# Non-poly varnish



## Mattgmann (Aug 10, 2017)

First post here and a long one... I posted this on Reddit, but didn't get any insight. I figure you guys might.

With voc regs, demand, cost, marketing and whatever other factors are in play, alkyd and phenolic resin based varnishes seen harder and harder to find. This sucks. I've never cared for oil based poly (waterborne is a different story). My go to varnishes have all disappeared from production or availability (or easy, cost effective availability). 

So, I thought I'd share my shop standard varnishes at the moment.

Edit: my previous go to alkyd was Pratt & Lambert 38. Very hard for me to source now

Sherwin Williams6403-15925(gloss) 15941(satin) Wood Classics Fastdry oil Varnish
One of the few products that still lists the actual ingredients. Toulene-oil resin (alkyd) thinned with xylene and mineral spirits.

A solid product as the simple formulation makes it predictable. I mix with BLO and thin with mineral spirits (like everyone else with a secret recipe) in different ratios. Resin content is moderate and cures fairly hard. It will thin with everything that makes sense without fuss. It's not an amazing product, but a good enough, old style resin component for formulation finishes.

Ace 16375 solvent based spar varnish. (Phenolic resin/tung from what I can tell)
I have a love hate with this product. It's formulated as a truly traditional spar varnish. As that, the oil content is very high which leads to a softer/flexible, albeit durable finish sorted for outdoor use. I generally don't care for this in a Danish oil/rubbing varnish/wtf ever you call your special sauce varnish in most cases, but it has its use.

For old school/classic high-build varnish looks, this is what you want.

I rarely use it for that though. I like to thin the **** out of it and maybe cut with a bit more oil (or not) and apply a few coats after popping grain, sanding and one more thing ass coat. Then pile on shellac (orange or garnet). A nice, classic looking, deep dark finish.

As a note: I use gloss varnishes in my formulations. I tend to adjust the sheen of pieces down with sanding or steel wool and wax (my go-to) after completion.

So, if anyone has a non-poly varnish they rely on, what is it? How do you use it? How available is it? And how expensive is it?


----------



## Steve Neul (Sep 2, 2011)

You can thank the idiots in our government for trying to rid the country of oil based products. 

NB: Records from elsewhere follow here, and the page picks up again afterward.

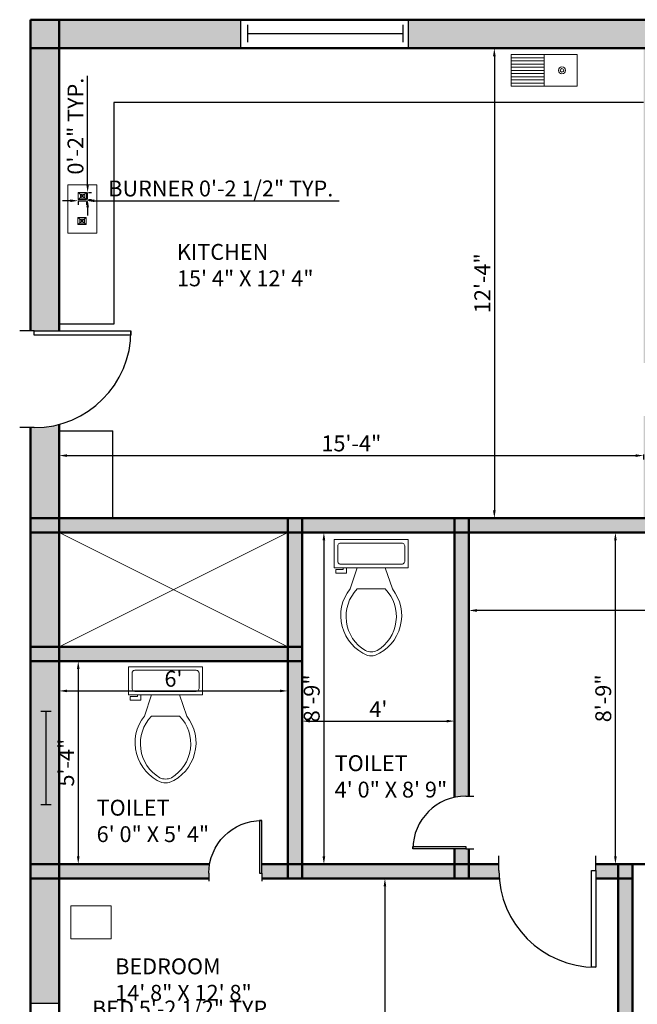
# Model space of a CAD drawing. Units: millimetres. Extents: x 3107 to 3757, y 777 to 1464.
# Tile 4 of 7: x 3107 to 3301, y 1140 to 1450. Entities that reach past the tile are written whole.
import ezdxf

# ---------------------------------------------------------------- set-up
doc = ezdxf.new("R2010")
doc.units = ezdxf.units.MM
for name, color, linetype, lineweight in [('A-ANNO-DIMS', 50, 'Continuous', 18), ('A-AREA-IDEN', 160, 'Continuous', 18), ('A-EQPM', 140, 'Continuous', 18), ('A-FLOR-CASE', 140, 'Continuous', 25), ('A-FLOR-FIXT', 140, 'Continuous', 18), ('A-FLOR-OPEN', 8, 'Continuous', 18), ('A-WALL-PATT', 80, 'Continuous', 13), ('doors', 10, 'Continuous', 25), ('furniture', 140, 'Continuous', 18), ('walls', 80, 'Continuous', 50), ('windows', 30, 'Continuous', 25)]:
    doc.layers.add(name, color=color, linetype=linetype, lineweight=lineweight)
doc.styles.get("Standard").update_dxf_attribs({"font": 'arial.ttf'})
doc.dimstyles.new('ISO-25', dxfattribs={"dimtxt": 5, "dimasz": 2.5, "dimexe": 1.25, "dimexo": 0.625, "dimtad": 1, "dimdec": 0, "dimlunit": 3, "dimtxsty": 'Standard', "dimcen": 2.5, "dimadec": 0, "dimazin": 0, "dimtfac": 1, "dimtdec": 0, "dimtmove": 0, "dimatfit": 3, "dimfxl": 1, "dimarcsym": 0})

# ---------------------------------------------------------------- blocks, each defined once
blk = doc.blocks.new('*U2')
for p, q in [((0, 0), (0, -6)), ((40, 0), (40, -6))]:
    blk.add_line(p, q)
blk.add_lwpolyline([(0, 0), (0, 40), (1.75, 40), (1.75, 0)], close=True)
blk.add_arc((0, 0), 40, 0, 90)
blk = doc.blocks.new('*U4')
for p, q in [((0, 4), (0, 0)), ((36, 4), (36, 0)), ((0, 2), (36, 2))]:
    blk.add_line(p, q)
blk = doc.blocks.new('*U5')
for p, q in [((0, 4), (0, 0)), ((36, 4), (36, 0)), ((0, 2), (36, 2))]:
    blk.add_line(p, q)
blk = doc.blocks.new('Toilet - top')
for p, q in [((9.5, -6), (9.5, -2)), ((-8, -8.5), (-8, -8)), ((-7, -8), (-7, -9.5)), ((-4, -8), (-6, -14)), ((4, -8), (6, -14)), ((-10, -8.5), (-8, -8.5)), ((-10, -9.5), (-10, -8.5)), ((-7, -9.5), (-10, -9.5)), ((4, -14), (-4, -14))]:
    blk.add_line(p, q)
blk.add_lwpolyline([(10.5, -8), (10.5, 0), (-10.5, 0), (-10.5, -8)], close=True)
for points in [[(-9.5, -2), (-9.5, -6)], [(8.5, -1), (-8.5, -1)], [(-8.5, -7), (8.5, -7)]]:
    blk.add_lwpolyline(points)
for centre, radius, start, end in [((-8.62, -1.88), 0.884, 81.8699, 188.1301), ((8.62, -1.88), 0.884, 351.8699, 98.1301), ((-8.62, -6.12), 0.884, 171.8699, 278.1301), ((8.62, -6.12), 0.884, 261.8699, 8.1301), ((3.52, -21.58), 12.17, 141.4691, 247.9714), ((4.2, -21.82), 11.33, 136.3677, 238.9468), ((-3.52, -21.58), 12.17, 292.0284, 38.5307), ((-4.2, -21.82), 11.33, 301.053, 43.6321), ((0, -27.88), 4, 245.7318, 294.2682), ((0, -29), 4, 254.8605, 285.1395)]:
    blk.add_arc(centre, radius, start, end)
blk = doc.blocks.new('*D16')
at = {"layer": 'A-ANNO-DIMS', "color": 0, "lineweight": -2, "transparency": 16777216}
for p, q in [((3257.1, 1441.43), (3257.73, 1441.43)), ((3256.48, 1438.93), (3256.48, 1295.93)), ((3257.1, 1293.43), (3257.73, 1293.43))]:
    blk.add_line(p, q, dxfattribs=at)
at = {"layer": 'A-ANNO-DIMS', "color": 0, "transparency": 16777216}
for points in [[(3256.06, 1438.93), (3256.9, 1438.93), (3256.48, 1441.43)], [(3256.06, 1295.93), (3256.9, 1295.93), (3256.48, 1293.43)]]:
    blk.add_solid(points, dxfattribs=at)
at = {"layer": 'Defpoints', "color": 0, "transparency": 16777216}
for p in [(3256.48, 1441.43), (3256.48, 1293.43), (3256.48, 1293.43)]:
    blk.add_point(p, dxfattribs=at)
at = {"layer": 'A-ANNO-DIMS', "color": 0, "transparency": 16777216, "insert": (3253.34, 1367.43), "char_height": 5, "attachment_point": 5, "rotation": 90}
blk.add_mtext('12\'-4"', dxfattribs=at)
blk = doc.blocks.new('*D17')
at = {"layer": 'A-ANNO-DIMS', "color": 0, "lineweight": -2, "transparency": 16777216}
for p, q in [((3119.47, 1311.37), (3119.47, 1314.39)), ((3121.97, 1313.14), (3300.97, 1313.14)), ((3303.47, 1313.51), (3303.47, 1311.89))]:
    blk.add_line(p, q, dxfattribs=at)
at = {"layer": 'A-ANNO-DIMS', "color": 0, "transparency": 16777216}
for points in [[(3121.97, 1313.56), (3121.97, 1312.72), (3119.47, 1313.14)], [(3300.97, 1313.56), (3300.97, 1312.72), (3303.47, 1313.14)]]:
    blk.add_solid(points, dxfattribs=at)
at = {"layer": 'Defpoints', "color": 0, "transparency": 16777216}
for p in [(3303.47, 1314.14), (3303.47, 1313.14), (3119.47, 1310.75)]:
    blk.add_point(p, dxfattribs=at)
at = {"layer": 'A-ANNO-DIMS', "color": 0, "transparency": 16777216, "insert": (3211.47, 1316.32), "char_height": 5, "attachment_point": 5}
blk.add_mtext('15\'-4"', dxfattribs=at)
blk = doc.blocks.new('*D24')
at = {"layer": 'A-ANNO-DIMS', "color": 0, "lineweight": -2, "transparency": 16777216}
for p, q in [((3248.47, 1264.98), (3248.47, 1265.6)), ((3464.47, 1264.98), (3464.47, 1265.6)), ((3461.97, 1264.35), (3250.97, 1264.35))]:
    blk.add_line(p, q, dxfattribs=at)
at = {"layer": 'A-ANNO-DIMS', "color": 0, "transparency": 16777216}
for points in [[(3250.97, 1264.77), (3250.97, 1263.94), (3248.47, 1264.35)], [(3461.97, 1264.77), (3461.97, 1263.94), (3464.47, 1264.35)]]:
    blk.add_solid(points, dxfattribs=at)
at = {"layer": 'Defpoints', "color": 0, "transparency": 16777216}
for p in [(3248.47, 1264.35), (3248.47, 1264.35), (3464.47, 1264.35)]:
    blk.add_point(p, dxfattribs=at)
at = {"layer": 'A-ANNO-DIMS', "color": 0, "transparency": 16777216, "insert": (3356.47, 1267.53), "char_height": 5, "attachment_point": 5}
blk.add_mtext("18'", dxfattribs=at)
blk = doc.blocks.new('*D25')
at = {"layer": 'A-ANNO-DIMS', "color": 0, "lineweight": -2, "transparency": 16777216}
for p, q in [((3294.84, 1288.93), (3293.35, 1288.93)), ((3294.6, 1186.93), (3294.6, 1286.43)), ((3294.84, 1184.43), (3293.35, 1184.43))]:
    blk.add_line(p, q, dxfattribs=at)
at = {"layer": 'A-ANNO-DIMS', "color": 0, "transparency": 16777216}
for points in [[(3294.18, 1286.43), (3295.01, 1286.43), (3294.6, 1288.93)], [(3294.18, 1186.93), (3295.01, 1186.93), (3294.6, 1184.43)]]:
    blk.add_solid(points, dxfattribs=at)
at = {"layer": 'Defpoints', "color": 0, "transparency": 16777216}
for p in [(3294.6, 1288.93), (3295.47, 1288.93), (3295.47, 1184.43)]:
    blk.add_point(p, dxfattribs=at)
at = {"layer": 'A-ANNO-DIMS', "color": 0, "transparency": 16777216, "insert": (3291.42, 1236.68), "char_height": 5, "attachment_point": 5, "rotation": 90}
blk.add_mtext('8\'-9"', dxfattribs=at)
blk = doc.blocks.new('*D26')
at = {"layer": 'A-ANNO-DIMS', "color": 0, "lineweight": -2, "transparency": 16777216}
for p, q in [((3195.97, 1225.71), (3195.97, 1230.76)), ((3198.47, 1229.51), (3241.47, 1229.51)), ((3243.97, 1225.71), (3243.97, 1230.76))]:
    blk.add_line(p, q, dxfattribs=at)
at = {"layer": 'A-ANNO-DIMS', "color": 0, "transparency": 16777216}
for points in [[(3198.47, 1229.92), (3198.47, 1229.09), (3195.97, 1229.51)], [(3241.47, 1229.92), (3241.47, 1229.09), (3243.97, 1229.51)]]:
    blk.add_solid(points, dxfattribs=at)
at = {"layer": 'Defpoints', "color": 0, "transparency": 16777216}
for p in [(3243.97, 1229.51), (3195.97, 1225.08), (3243.97, 1225.08)]:
    blk.add_point(p, dxfattribs=at)
at = {"layer": 'A-ANNO-DIMS', "color": 0, "transparency": 16777216, "insert": (3219.97, 1232.63), "char_height": 5, "attachment_point": 5}
blk.add_mtext("4'", dxfattribs=at)
blk = doc.blocks.new('*D27')
at = {"layer": 'A-ANNO-DIMS', "color": 0, "lineweight": -2, "transparency": 16777216}
for p, q in [((3200.33, 1288.93), (3204.07, 1288.93)), ((3202.82, 1286.43), (3202.82, 1186.93)), ((3200.33, 1184.43), (3204.07, 1184.43))]:
    blk.add_line(p, q, dxfattribs=at)
at = {"layer": 'A-ANNO-DIMS', "color": 0, "transparency": 16777216}
for points in [[(3202.4, 1286.43), (3203.24, 1286.43), (3202.82, 1288.93)], [(3202.4, 1186.93), (3203.24, 1186.93), (3202.82, 1184.43)]]:
    blk.add_solid(points, dxfattribs=at)
at = {"layer": 'Defpoints', "color": 0, "transparency": 16777216}
for p in [(3199.7, 1288.93), (3199.7, 1184.43), (3202.82, 1184.43)]:
    blk.add_point(p, dxfattribs=at)
at = {"layer": 'A-ANNO-DIMS', "color": 0, "transparency": 16777216, "insert": (3199.64, 1236.68), "char_height": 5, "attachment_point": 5, "rotation": 90}
blk.add_mtext('8\'-9"', dxfattribs=at)
blk = doc.blocks.new('*D28')
at = {"layer": 'A-ANNO-DIMS', "color": 0, "lineweight": -2, "transparency": 16777216}
for p, q in [((3119.47, 1241.1), (3119.47, 1237.77)), ((3191.47, 1241.1), (3191.47, 1237.77)), ((3121.97, 1239.02), (3188.97, 1239.02))]:
    blk.add_line(p, q, dxfattribs=at)
at = {"layer": 'A-ANNO-DIMS', "color": 0, "transparency": 16777216}
for points in [[(3121.97, 1239.44), (3121.97, 1238.61), (3119.47, 1239.02)], [(3188.97, 1239.44), (3188.97, 1238.61), (3191.47, 1239.02)]]:
    blk.add_solid(points, dxfattribs=at)
at = {"layer": 'Defpoints', "color": 0, "transparency": 16777216}
for p in [(3119.47, 1241.72), (3191.47, 1241.72), (3191.47, 1239.02)]:
    blk.add_point(p, dxfattribs=at)
at = {"layer": 'A-ANNO-DIMS', "color": 0, "transparency": 16777216, "insert": (3155.47, 1242.2), "char_height": 5, "attachment_point": 5}
blk.add_mtext("6'", dxfattribs=at)
blk = doc.blocks.new('*D29')
at = {"layer": 'A-ANNO-DIMS', "color": 0, "lineweight": -2, "transparency": 16777216}
for p, q in [((3123.55, 1248.43), (3126.75, 1248.43)), ((3125.5, 1245.93), (3125.5, 1186.93)), ((3123.55, 1184.43), (3126.75, 1184.43))]:
    blk.add_line(p, q, dxfattribs=at)
at = {"layer": 'A-ANNO-DIMS', "color": 0, "transparency": 16777216}
for points in [[(3125.08, 1245.93), (3125.91, 1245.93), (3125.5, 1248.43)], [(3125.08, 1186.93), (3125.91, 1186.93), (3125.5, 1184.43)]]:
    blk.add_solid(points, dxfattribs=at)
at = {"layer": 'Defpoints', "color": 0, "transparency": 16777216}
for p in [(3122.92, 1248.43), (3122.92, 1184.43), (3125.5, 1184.43)]:
    blk.add_point(p, dxfattribs=at)
at = {"layer": 'A-ANNO-DIMS', "color": 0, "transparency": 16777216, "insert": (3122.33, 1216.43), "char_height": 5, "attachment_point": 5, "rotation": 90}
blk.add_mtext('5\'-4"', dxfattribs=at)
blk = doc.blocks.new('*D33')
at = {"layer": 'A-ANNO-DIMS', "color": 0, "lineweight": -2, "transparency": 16777216}
for p, q in [((3221.28, 1179.93), (3223.29, 1179.93)), ((3222.04, 1177.43), (3222.04, 1030.43)), ((3221.28, 1027.93), (3223.29, 1027.93))]:
    blk.add_line(p, q, dxfattribs=at)
at = {"layer": 'A-ANNO-DIMS', "color": 0, "transparency": 16777216}
for points in [[(3221.62, 1177.43), (3222.45, 1177.43), (3222.04, 1179.93)], [(3221.62, 1030.43), (3222.45, 1030.43), (3222.04, 1027.93)]]:
    blk.add_solid(points, dxfattribs=at)
at = {"layer": 'Defpoints', "color": 0, "transparency": 16777216}
for p in [(3220.65, 1179.93), (3220.65, 1027.93), (3222.04, 1027.93)]:
    blk.add_point(p, dxfattribs=at)
at = {"layer": 'A-ANNO-DIMS', "color": 0, "transparency": 16777216, "insert": (3218.86, 1103.93), "char_height": 5, "attachment_point": 5, "rotation": 90}
blk.add_mtext('12\'-8"', dxfattribs=at)
blk = doc.blocks.new('COOKTOP-BURNER')
for p, q in [((0, 2.24), (2.56, 0)), ((2.56, 2.24), (0, 0))]:
    blk.add_line(p, q)
for points in [[(0, 2.24), (2.56, 2.24), (2.56, 0), (0, 0)], [(0.66, 1.7), (2.06, 1.7), (2.06, 0.46), (0.66, 0.46)]]:
    blk.add_lwpolyline(points, close=True)
blk = doc.blocks.new('*D49')
at = {"layer": 'A-ANNO-DIMS', "color": 0, "lineweight": -2, "transparency": 16777216}
for p, q in [((3127.01, 1126.35), (3127.01, 1136.38)), ((3187.19, 1135.13), (3129.51, 1135.13)), ((3189.69, 1126.35), (3189.69, 1136.38))]:
    blk.add_line(p, q, dxfattribs=at)
at = {"layer": 'A-ANNO-DIMS', "color": 0, "transparency": 16777216}
for points in [[(3129.51, 1135.55), (3129.51, 1134.71), (3127.01, 1135.13)], [(3187.19, 1135.55), (3187.19, 1134.71), (3189.69, 1135.13)]]:
    blk.add_solid(points, dxfattribs=at)
at = {"layer": 'Defpoints', "color": 0, "transparency": 16777216}
for p in [(3127.01, 1135.13), (3127.01, 1125.73), (3189.69, 1125.73)]:
    blk.add_point(p, dxfattribs=at)
at = {"layer": 'A-ANNO-DIMS', "color": 0, "transparency": 16777216, "insert": (3158.35, 1138.34), "char_height": 5, "attachment_point": 5}
blk.add_mtext('BED 5\'-2 1/2" TYP.', dxfattribs=at)
blk = doc.blocks.new('*D61')
at = {"layer": 'A-ANNO-DIMS', "color": 0, "lineweight": -2, "transparency": 16777216}
for p, q in [((3123, 1393.41), (3120.5, 1393.41)), ((3125.5, 1393.41), (3128.06, 1393.41)), ((3125.5, 1393.17), (3125.5, 1392.16)), ((3128.06, 1393.17), (3128.06, 1392.16)), ((3130.56, 1393.41), (3207.66, 1393.41))]:
    blk.add_line(p, q, dxfattribs=at)
at = {"layer": 'A-ANNO-DIMS', "color": 0, "transparency": 16777216}
for points in [[(3123, 1393.83), (3123, 1393), (3125.5, 1393.41)], [(3130.56, 1393.83), (3130.56, 1393), (3128.06, 1393.41)]]:
    blk.add_solid(points, dxfattribs=at)
at = {"layer": 'Defpoints', "color": 0, "transparency": 16777216}
for p in [(3125.5, 1393.8), (3128.06, 1393.8), (3128.06, 1393.41)]:
    blk.add_point(p, dxfattribs=at)
at = {"layer": 'A-ANNO-DIMS', "color": 0, "transparency": 16777216, "insert": (3170.36, 1396.62), "char_height": 5, "attachment_point": 5}
blk.add_mtext('BURNER 0\'-2 1/2" TYP.', dxfattribs=at)
blk = doc.blocks.new('*D62')
at = {"layer": 'A-ANNO-DIMS', "color": 0, "lineweight": -2, "transparency": 16777216}
for p, q in [((3128.45, 1398.53), (3128.45, 1432.76)), ((3128.45, 1393.8), (3128.45, 1396.03)), ((3128.69, 1396.03), (3129.7, 1396.03)), ((3128.69, 1393.8), (3129.7, 1393.8)), ((3128.45, 1391.3), (3128.45, 1388.8))]:
    blk.add_line(p, q, dxfattribs=at)
at = {"layer": 'A-ANNO-DIMS', "color": 0, "transparency": 16777216}
for points in [[(3128.03, 1398.53), (3128.87, 1398.53), (3128.45, 1396.03)], [(3128.03, 1391.3), (3128.87, 1391.3), (3128.45, 1393.8)]]:
    blk.add_solid(points, dxfattribs=at)
at = {"layer": 'Defpoints', "color": 0, "transparency": 16777216}
for p in [(3128.06, 1396.03), (3128.45, 1396.03), (3128.06, 1393.8)]:
    blk.add_point(p, dxfattribs=at)
at = {"layer": 'A-ANNO-DIMS', "color": 0, "transparency": 16777216, "insert": (3125.27, 1416.9), "char_height": 5, "attachment_point": 5, "rotation": 90}
blk.add_mtext('0\'-2" TYP.', dxfattribs=at)

msp = doc.modelspace()

# ---------------------------------------------------------------- hatches: boundary and pattern name
at = {"layer": 'A-WALL-PATT'}
h = msp.add_hatch(color=256, dxfattribs=at)
h.dxf.hatch_style = 1
h.paths.add_polyline_path([(3119.47, 1087.39), (3110.47, 1087.39), (3110.47, 1027.93), (3119.47, 1027.93)])
h.paths.add_polyline_path([(3119.47, 1027.93), (3110.47, 1027.93), (3110.47, 1023.43), (3119.47, 1023.43)])
h.paths.add_polyline_path([(3267.47, 1027.93), (3119.47, 1027.93), (3119.47, 1023.43), (3267.47, 1023.43)])
h.paths.add_polyline_path([(3119.47, 1023.43), (3110.47, 1023.43), (3110.47, 979.44), (3119.47, 979.44)])
h.paths.add_polyline_path([(3299.97, 1179.93), (3295.47, 1179.93), (3295.47, 1027.93), (3299.97, 1027.93)])
h.paths.add_polyline_path([(3295.47, 1027.93), (3271.97, 1027.93), (3271.97, 1023.43), (3295.47, 1023.43)])
h.paths.add_polyline_path([(3271.97, 1027.93), (3267.47, 1027.93), (3267.47, 1023.43), (3271.97, 1023.43)])
h.paths.add_polyline_path([(3299.97, 1027.93), (3295.47, 1027.93), (3295.47, 1023.43), (3299.97, 1023.43)])
h.paths.add_polyline_path([(3299.97, 1184.43), (3295.47, 1184.43), (3295.47, 1179.93), (3299.97, 1179.93)])
h.paths.add_polyline_path([(3295.47, 1184.43), (3288.38, 1184.43), (3288.38, 1182.47), (3288.38, 1179.93), (3295.47, 1179.93)])
h.paths.add_polyline_path([(3352.47, 1179.93), (3347.97, 1179.93), (3347.97, 1027.93), (3352.47, 1027.93)])
h.paths.add_polyline_path([(3352.47, 1184.43), (3347.97, 1184.43), (3347.97, 1179.93), (3352.47, 1179.93)])
h.paths.add_polyline_path([(3464.47, 1184.43), (3352.47, 1184.43), (3352.47, 1179.93), (3464.47, 1179.93)])
h.paths.add_polyline_path([(3468.97, 1288.93), (3464.47, 1288.93), (3464.47, 1184.43), (3468.97, 1184.43)])
h.paths.add_polyline_path([(3468.97, 1184.43), (3464.47, 1184.43), (3464.47, 1179.93), (3468.97, 1179.93)])
h.paths.add_polyline_path([(3195.97, 1248.43), (3191.47, 1248.43), (3191.47, 1184.43), (3195.97, 1184.43)])
h.paths.add_polyline_path([(3195.97, 1184.43), (3191.47, 1184.43), (3191.47, 1179.93), (3195.97, 1179.93)])
h.paths.add_polyline_path([(3191.47, 1184.43), (3183.28, 1184.43), (3183.28, 1181.58), (3183.28, 1179.93), (3191.47, 1179.93)])
h.paths.add_polyline_path([(3243.97, 1184.43), (3195.97, 1184.43), (3195.97, 1179.93), (3243.97, 1179.93)])
h.paths.add_polyline_path([(3257.91, 1182.47), (3257.91, 1184.43), (3248.47, 1184.43), (3248.47, 1179.93), (3258.02, 1179.93, -0.020891)])
h.paths.add_polyline_path([(3248.47, 1184.43), (3243.97, 1184.43), (3243.97, 1179.93), (3248.47, 1179.93)])
h.paths.add_polyline_path([(3248.47, 1189.24), (3247.51, 1189.24), (3243.97, 1189.24), (3243.97, 1184.43), (3248.47, 1184.43)])
h.paths.add_polyline_path([(3166.87, 1184.43), (3119.47, 1184.43), (3119.47, 1179.93), (3166.63, 1179.93), (3166.63, 1181.58, -0.042981)])
h.paths.add_polyline_path([(3119.47, 1184.43), (3110.47, 1184.43), (3110.47, 1179.93), (3119.47, 1179.93)])
h.paths.add_polyline_path([(3119.47, 1248.43), (3110.47, 1248.43), (3110.47, 1184.43), (3119.47, 1184.43)])
h.paths.add_polyline_path([(3119.47, 1179.93), (3110.47, 1179.93), (3110.47, 1140.65), (3119.47, 1140.65)])
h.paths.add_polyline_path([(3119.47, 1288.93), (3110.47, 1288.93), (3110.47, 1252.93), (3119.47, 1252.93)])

Unless you are doing a project that is used outdoors don't use a spar varnish. A spar is softer than an interior finish so it can expand and contract with the temperature extremes of the outdoors. As you know Sherwin Williams does make old fashion varnish. Unless you live someplace like California you should be able to get some sent to the store. 

You might have to mail order it but the Behlen's Rock Hard Table Top Varnish would be a good finish for you to use. It wouldn't be necessary to use for table tops only. 

As far as applying the varnish if it were me I would spray it. If that isn't an option then use as soft of a paint brush as you can find and apply the varnish as thin as possible with as few strokes as possible. The more you brush varnish causes it to set up prematurely before it has a chance to flow out and shows the brush strokes a lot more. In warm weather you might also add some Flood Penetrol to the varnish. This slows down the drying time so the finish fill flow out better.


----------



## Mattgmann (Aug 10, 2017)

Does Behlens still offer that finish in a non-poly form? They're a good company, so I'm sure the urethane version is a good product, but I prefer the bonding characteristics of alkyd resins.

I wipe on any finish I can, and spray everything else (I hate brushing).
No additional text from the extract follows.